4.1. Limitation of the Study
The study was done only on Malaysian participants, mostly undergraduate students. The results may vary in different age groups and different races. Moreover, this study was done on the central and lateral incisors only. A wider range of examined teeth and a larger population would provide more information.
4.2. Scope of Further Studies
Digital photography has a lot of benefits. Additional to the common advantages of dental photography, it can help in reliable color measurement, and it saves clinical time. Further studies can be conducted on different races, teeth, and wider age groups. Moreover, further studies can be done to measure the accuracy of using this method to print colors and to measure other structures in the oral cavity, such as lips, gingival, and mucosa colors. Digital smile designers, dentists, researchers, and dental technicians could take advantage of this method to get better results.
CONCLUSION
Within the limitations of this current study, it was concluded that there were statistically significant differences in tooth color measurements between the Vita Easyshade spectrophotometer and digital photography for males and females in central and lateral incisors. Furthermore, there were no statistically significant differences in tooth color between males and females in the Vita Easyshade spectrophotometer, while there were partially statistically significant differences in tooth color between males and females in digital photography of central and lateral incisors. The standardized digital dental photography method used in this study for color measurement is highly reliable.
ETHICS APPROVAL AND CONSENT TO PARTICIPATE
The ethical approval was obtained at the School of Dental Sciences at the Health Campus, Universiti Sains Malaysia. Ethical approval was obtained from the Human Research Ethics Committee No. USM/JEPeM/20110552.
HUMAN AND ANIMAL RIGHTS
No animals were used in this research. All procedures performed in studies involving human participants were in accordance with the ethical standards of institutional and/or research committee and with the 1975 Declaration of Helsinki, as revised in 2013.
CONSENT FOR PUBLICATION
All participants signed a written consent form for their voluntary participation before the study, with the ability to withdraw without any consequences.
STANDARDS OF REPORTING
STROBE guidelines were followed.
AVAILABILITY OF DATA AND MATERIALS
The data supporting the findings of the article is available in the Zenodo Repository at https://zenodo.org/record/ 8250872, reference number DOI 10.5281/zenodo.8250872.
FUNDING
The study is funded by the Universiti Sains Malaysia, School of Dental Sciences (RUI Grant 1001/PPSG/8012371.
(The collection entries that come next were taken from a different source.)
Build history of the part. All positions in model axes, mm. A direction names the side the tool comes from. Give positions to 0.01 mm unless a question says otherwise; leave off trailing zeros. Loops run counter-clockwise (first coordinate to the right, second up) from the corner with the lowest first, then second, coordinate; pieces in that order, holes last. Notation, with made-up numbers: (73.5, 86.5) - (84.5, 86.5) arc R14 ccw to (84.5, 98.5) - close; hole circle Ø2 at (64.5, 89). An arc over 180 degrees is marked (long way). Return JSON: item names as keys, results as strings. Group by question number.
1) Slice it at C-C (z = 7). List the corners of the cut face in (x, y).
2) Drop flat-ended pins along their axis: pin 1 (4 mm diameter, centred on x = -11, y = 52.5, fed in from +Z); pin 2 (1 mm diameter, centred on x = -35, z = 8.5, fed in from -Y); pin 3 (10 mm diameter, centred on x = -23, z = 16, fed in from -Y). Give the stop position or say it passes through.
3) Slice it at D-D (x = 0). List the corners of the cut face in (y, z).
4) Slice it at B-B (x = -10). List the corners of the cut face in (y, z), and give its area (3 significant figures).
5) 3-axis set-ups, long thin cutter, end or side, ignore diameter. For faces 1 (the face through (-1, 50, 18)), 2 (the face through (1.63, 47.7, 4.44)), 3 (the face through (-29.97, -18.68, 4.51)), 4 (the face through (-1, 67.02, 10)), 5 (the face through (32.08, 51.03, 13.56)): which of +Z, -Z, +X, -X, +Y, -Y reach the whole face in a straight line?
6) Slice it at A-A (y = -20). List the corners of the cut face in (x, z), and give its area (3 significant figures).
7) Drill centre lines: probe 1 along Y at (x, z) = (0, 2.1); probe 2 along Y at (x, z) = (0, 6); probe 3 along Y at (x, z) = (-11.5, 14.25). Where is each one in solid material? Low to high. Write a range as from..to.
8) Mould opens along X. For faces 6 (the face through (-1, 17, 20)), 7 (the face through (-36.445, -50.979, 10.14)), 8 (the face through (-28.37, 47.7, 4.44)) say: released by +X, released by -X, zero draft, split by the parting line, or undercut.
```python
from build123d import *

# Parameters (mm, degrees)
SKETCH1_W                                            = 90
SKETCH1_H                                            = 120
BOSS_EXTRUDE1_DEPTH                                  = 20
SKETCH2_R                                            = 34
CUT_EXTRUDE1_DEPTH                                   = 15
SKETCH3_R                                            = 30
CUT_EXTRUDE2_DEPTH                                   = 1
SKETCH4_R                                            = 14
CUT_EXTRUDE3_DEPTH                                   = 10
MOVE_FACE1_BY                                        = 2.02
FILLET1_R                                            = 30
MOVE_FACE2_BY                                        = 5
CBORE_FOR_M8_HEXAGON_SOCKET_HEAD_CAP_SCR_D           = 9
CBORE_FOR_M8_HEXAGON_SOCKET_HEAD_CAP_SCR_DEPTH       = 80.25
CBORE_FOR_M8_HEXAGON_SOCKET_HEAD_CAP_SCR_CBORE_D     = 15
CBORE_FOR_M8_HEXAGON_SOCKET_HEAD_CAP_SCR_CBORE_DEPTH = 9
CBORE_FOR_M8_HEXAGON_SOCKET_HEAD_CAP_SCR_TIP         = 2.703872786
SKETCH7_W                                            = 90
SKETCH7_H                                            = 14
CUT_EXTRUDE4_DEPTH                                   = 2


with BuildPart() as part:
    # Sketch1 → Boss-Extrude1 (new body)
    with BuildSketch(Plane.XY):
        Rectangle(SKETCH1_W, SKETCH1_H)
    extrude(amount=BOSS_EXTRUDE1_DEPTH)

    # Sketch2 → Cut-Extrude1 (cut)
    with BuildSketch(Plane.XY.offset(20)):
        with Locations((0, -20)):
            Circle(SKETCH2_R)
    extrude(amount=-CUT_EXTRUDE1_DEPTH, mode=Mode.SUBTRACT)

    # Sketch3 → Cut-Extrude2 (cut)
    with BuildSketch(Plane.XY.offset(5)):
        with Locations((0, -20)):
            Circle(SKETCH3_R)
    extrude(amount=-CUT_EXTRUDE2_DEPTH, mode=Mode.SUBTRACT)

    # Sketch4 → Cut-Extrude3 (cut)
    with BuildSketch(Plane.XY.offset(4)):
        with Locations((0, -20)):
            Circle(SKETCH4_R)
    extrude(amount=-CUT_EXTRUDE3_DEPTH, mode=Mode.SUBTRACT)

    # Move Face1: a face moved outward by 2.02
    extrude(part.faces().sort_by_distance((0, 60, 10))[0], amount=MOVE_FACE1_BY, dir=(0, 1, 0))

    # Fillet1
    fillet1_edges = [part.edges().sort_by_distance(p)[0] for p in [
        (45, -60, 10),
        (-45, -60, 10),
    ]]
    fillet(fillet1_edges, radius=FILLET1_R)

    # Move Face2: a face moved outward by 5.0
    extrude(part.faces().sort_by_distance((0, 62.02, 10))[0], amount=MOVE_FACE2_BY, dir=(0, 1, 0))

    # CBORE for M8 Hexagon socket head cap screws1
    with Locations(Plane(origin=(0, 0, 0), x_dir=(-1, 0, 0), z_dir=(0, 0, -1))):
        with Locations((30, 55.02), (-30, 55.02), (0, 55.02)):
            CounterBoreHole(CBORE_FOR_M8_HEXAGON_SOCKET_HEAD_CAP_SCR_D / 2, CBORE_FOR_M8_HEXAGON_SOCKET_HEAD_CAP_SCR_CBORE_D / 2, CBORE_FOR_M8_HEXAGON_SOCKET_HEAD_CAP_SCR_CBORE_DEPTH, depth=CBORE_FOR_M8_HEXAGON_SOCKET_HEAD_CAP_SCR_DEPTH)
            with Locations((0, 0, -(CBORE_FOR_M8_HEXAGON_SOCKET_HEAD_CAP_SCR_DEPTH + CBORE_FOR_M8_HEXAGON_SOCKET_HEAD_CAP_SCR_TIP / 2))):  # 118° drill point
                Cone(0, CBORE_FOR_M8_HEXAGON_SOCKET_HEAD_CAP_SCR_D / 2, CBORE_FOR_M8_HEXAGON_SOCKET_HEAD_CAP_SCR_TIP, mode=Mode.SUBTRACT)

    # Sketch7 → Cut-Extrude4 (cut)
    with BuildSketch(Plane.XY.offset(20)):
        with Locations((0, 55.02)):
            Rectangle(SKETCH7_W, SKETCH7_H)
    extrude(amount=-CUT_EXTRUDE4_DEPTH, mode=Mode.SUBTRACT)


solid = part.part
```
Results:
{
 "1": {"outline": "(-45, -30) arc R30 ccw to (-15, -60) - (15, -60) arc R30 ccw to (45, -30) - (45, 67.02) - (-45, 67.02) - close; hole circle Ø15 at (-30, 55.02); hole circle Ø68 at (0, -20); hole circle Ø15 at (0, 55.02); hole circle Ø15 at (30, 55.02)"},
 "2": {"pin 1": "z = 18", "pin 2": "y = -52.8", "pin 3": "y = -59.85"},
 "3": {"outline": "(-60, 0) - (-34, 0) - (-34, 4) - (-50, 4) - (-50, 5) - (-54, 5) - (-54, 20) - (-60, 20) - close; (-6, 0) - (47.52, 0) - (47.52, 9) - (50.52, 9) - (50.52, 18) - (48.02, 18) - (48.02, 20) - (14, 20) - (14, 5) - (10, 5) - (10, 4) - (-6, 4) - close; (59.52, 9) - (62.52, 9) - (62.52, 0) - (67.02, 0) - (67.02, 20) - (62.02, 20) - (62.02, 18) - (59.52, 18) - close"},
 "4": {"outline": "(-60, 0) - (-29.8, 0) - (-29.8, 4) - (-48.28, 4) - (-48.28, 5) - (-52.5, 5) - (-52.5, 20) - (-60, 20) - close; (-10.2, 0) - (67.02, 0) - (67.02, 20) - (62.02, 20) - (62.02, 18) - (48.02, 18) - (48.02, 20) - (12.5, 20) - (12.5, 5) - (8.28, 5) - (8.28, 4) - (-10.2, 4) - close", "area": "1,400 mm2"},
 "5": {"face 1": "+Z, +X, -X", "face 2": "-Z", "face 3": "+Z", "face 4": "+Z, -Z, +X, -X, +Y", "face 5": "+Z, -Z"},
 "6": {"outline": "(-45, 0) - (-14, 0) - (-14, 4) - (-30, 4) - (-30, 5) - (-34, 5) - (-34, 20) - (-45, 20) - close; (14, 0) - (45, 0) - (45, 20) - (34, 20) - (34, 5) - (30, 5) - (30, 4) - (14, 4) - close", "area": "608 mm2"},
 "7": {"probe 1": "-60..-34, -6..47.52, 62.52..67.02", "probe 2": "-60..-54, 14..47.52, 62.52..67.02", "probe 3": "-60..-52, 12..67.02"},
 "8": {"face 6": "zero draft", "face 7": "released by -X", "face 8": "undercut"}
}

CONFLICT OF INTEREST STATEMENT
All authors disclose that there are no conflicts of interest in any financial and personal relationship with other people or organizations that could inappropriately influence or cause bias to their work or in the companies whose materials are included in this article.
ACKNOWLEDGEMENTS
The authors would like to thank the participants who participated in this study. They would also like to thank Universiti Sains Malaysia, School of Dental Sciences, for granting this study and providing the materials and place to conduct it.